I am trying to build my own Bubble sheet OMR engine with Python 3.8 and OpenCV. Despite several days of debugging, I can't beat that error which occurs when I am cropping the bubbles individualy:
Traceback (most recent call last):
File "C:\Users\hsolatges\AppData\Local\Programs\Python\Python38\lib\site-packages\numpy\lib\shape_base.py", line 867, in split
len(indices_or_sections)
TypeError: object of type 'int' has no len()
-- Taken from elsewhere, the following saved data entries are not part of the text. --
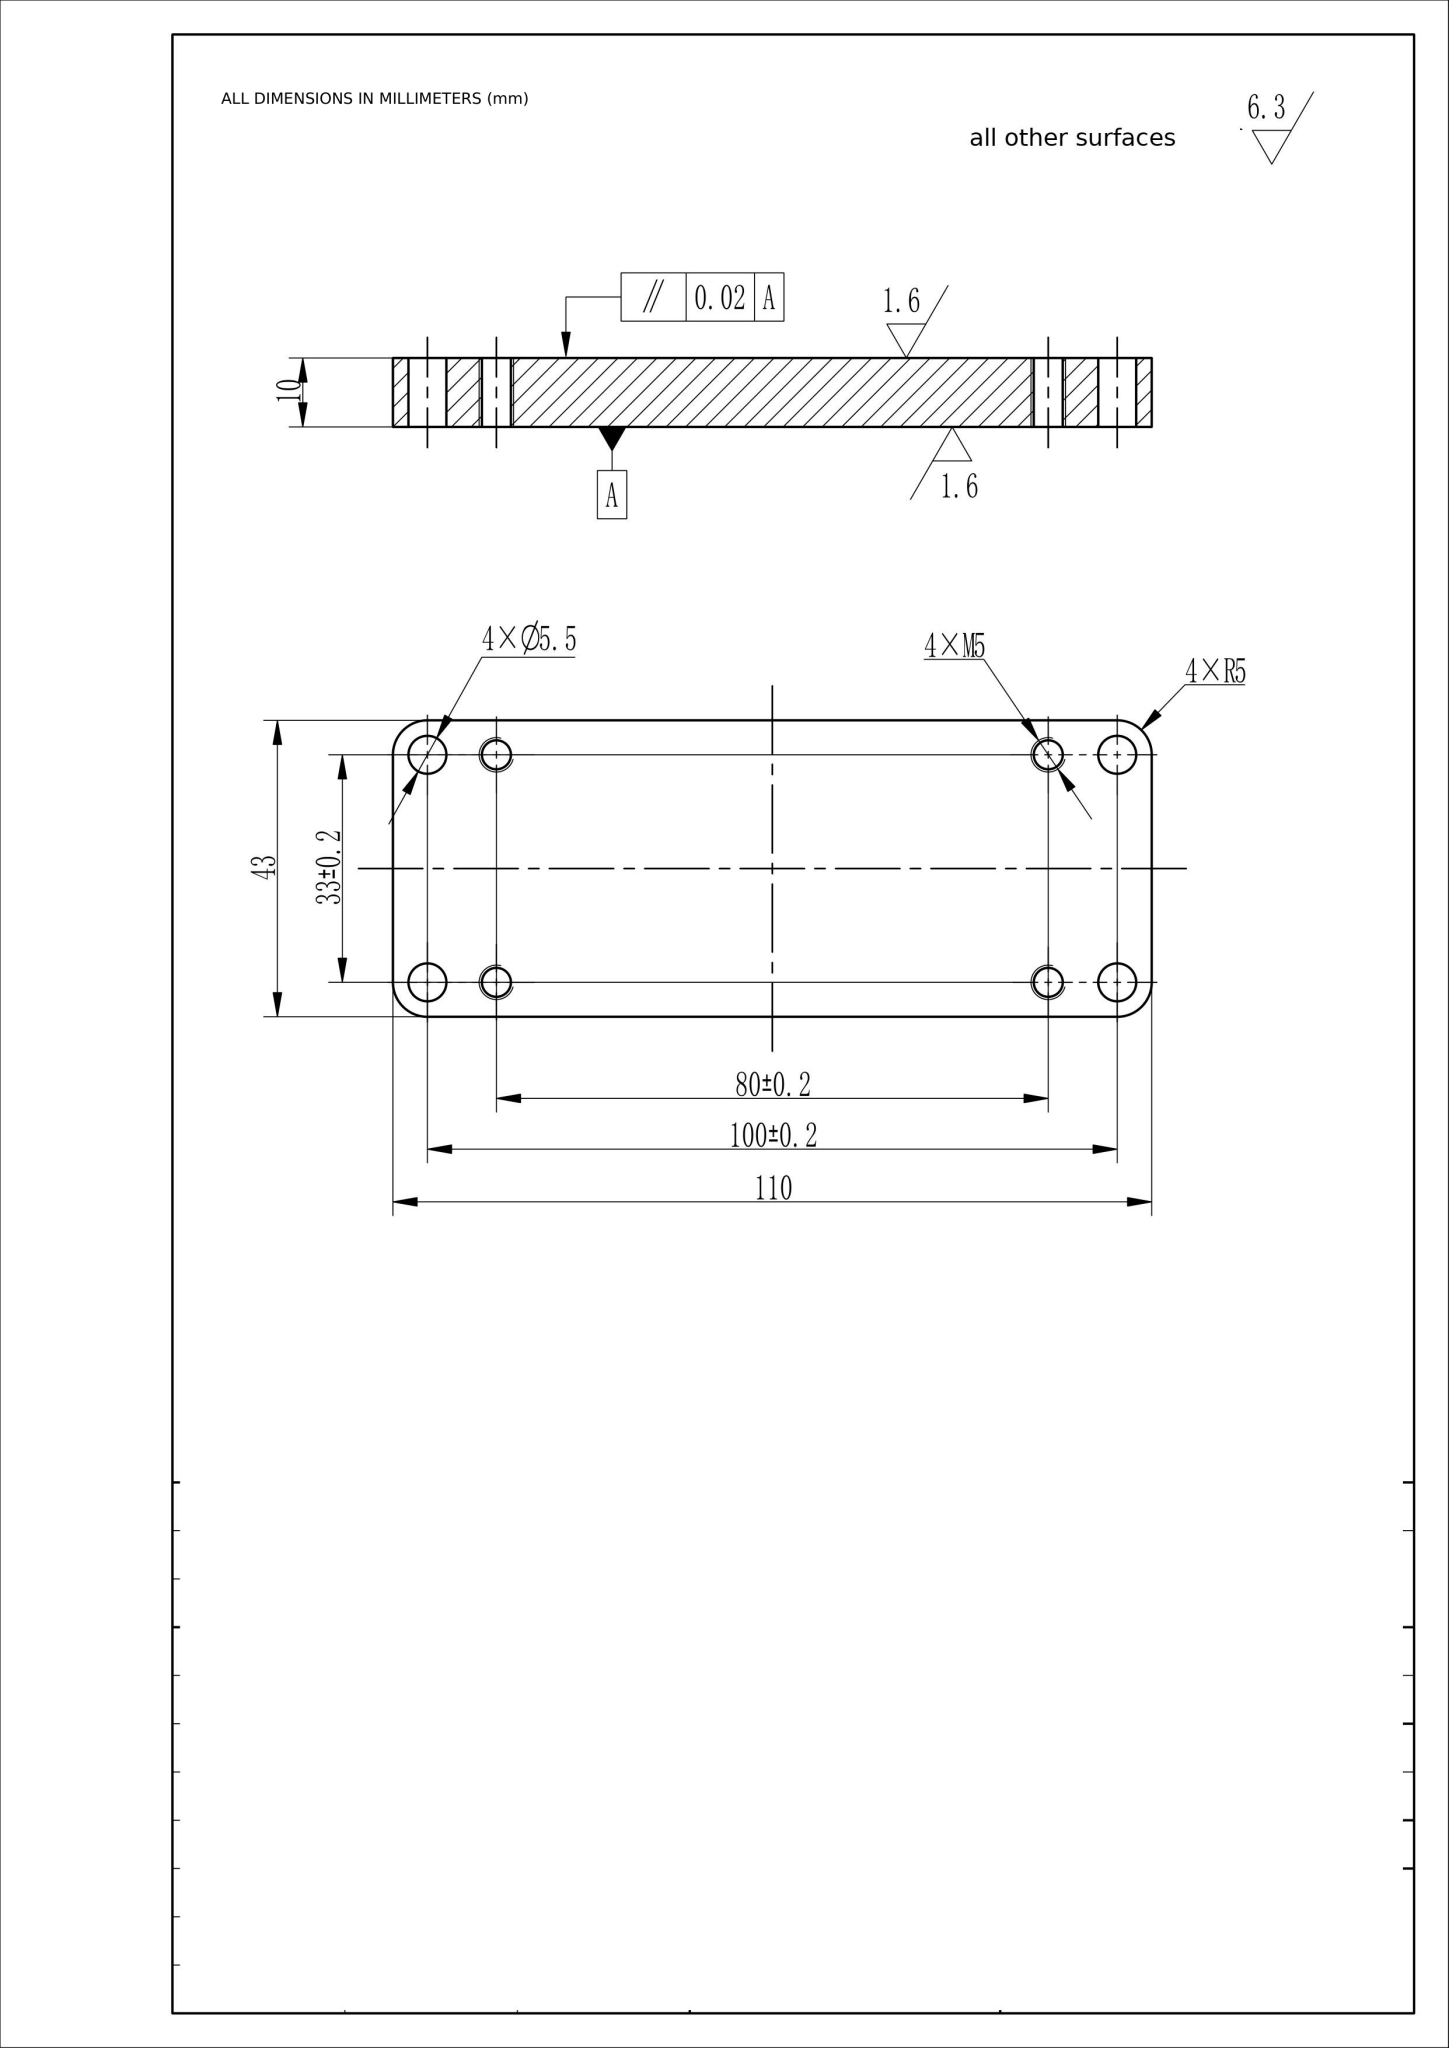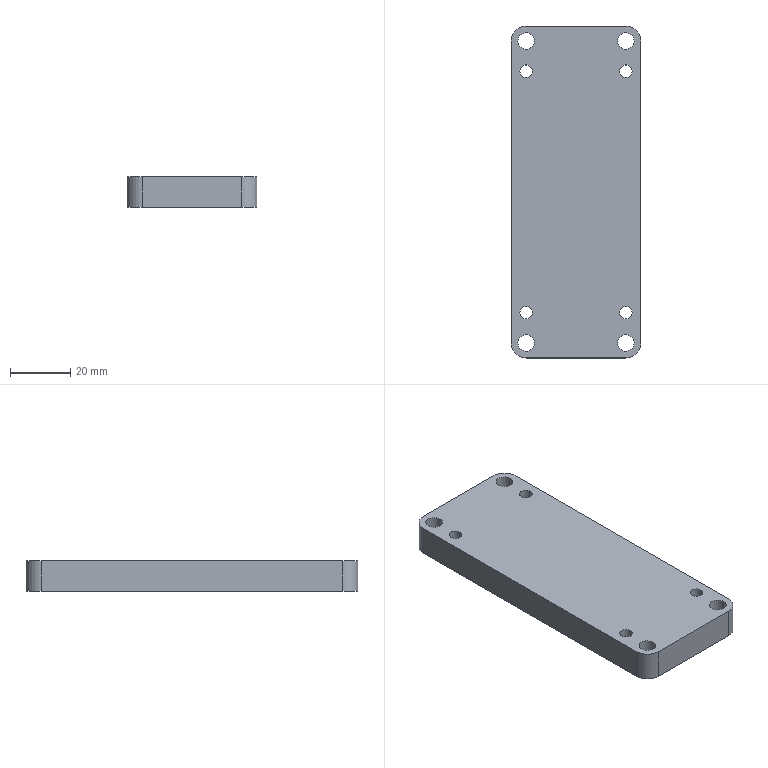Part | NX | mm | 1 solid | 18 faces | box 43 x 110 x 10 mm | volume 45581 mm3 | cylinder 12 | plane 6 | commonest cylinder face diameters 10 x4 4.2 x4 5.5 x4
STEP:
#1=CARTESIAN_POINT('',(0.,0.,0.));
#2=DIRECTION('',(0.,0.,1.));
#3=DIRECTION('',(1.,0.,0.));
#4=AXIS2_PLACEMENT_3D('',#1,#2,#3);
#5=(LENGTH_UNIT()NAMED_UNIT(*)SI_UNIT(.MILLI.,.METRE.));
#6=UNCERTAINTY_MEASURE_WITH_UNIT(LENGTH_MEASURE(0.00002),#5,'','');
#7=(NAMED_UNIT(*)PLANE_ANGLE_UNIT()SI_UNIT($,.RADIAN.));
#8=PLANE_ANGLE_MEASURE_WITH_UNIT(PLANE_ANGLE_MEASURE(0.01745),#7);
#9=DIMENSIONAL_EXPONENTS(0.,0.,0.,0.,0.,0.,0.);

During handling of the above exception, another exception occurred:
Traceback (most recent call last):
File "c:/autoQuiz/omr.py", line 80, in <module>
anwsers_array = tb.parse_anwsers(anwsers_field, MCQ.get('QUESTIONS'), MCQ.get('CHOICES'))
bubbles = get_bubbles(padded_img, questions, choices)
File "c:\autoQuiz\toolbox.py", line 81, in get_bubbles
rows = np.vsplit(img, questions)
File "<__array_function__ internals>", line 5, in vsplit
File "C:\Users\hsolatges\AppData\Local\Programs\Python\Python38\lib\site-packages\numpy\lib\shape_base.py", line 991, in vsplit
return split(ary, indices_or_sections, 0)
File "<__array_function__ internals>", line 5, in split
File "C:\Users\hsolatges\AppData\Local\Programs\Python\Python38\lib\site-packages\numpy\lib\shape_base.py", line 872, in split
raise ValueError(
ValueError: array split does not result in an equal division
As the size of the bubbles region is arbitrary, I tried to edge-pad it so that its width and height are both a multiple of the number of questions / number of choices (A B C D E). Unfortunately, it doesn't work properly. Except for tests/omr-1.jpg, the others fail.
Here an excerpt of the code:
def to_next_multiple(n,b):
return int(ceil(n/b) * b)
def pad_image(img, questions, choices):
w, h = img.shape[:2]
w_final, h_final, = to_next_multiple(w, choices), to_next_multiple(h, questions)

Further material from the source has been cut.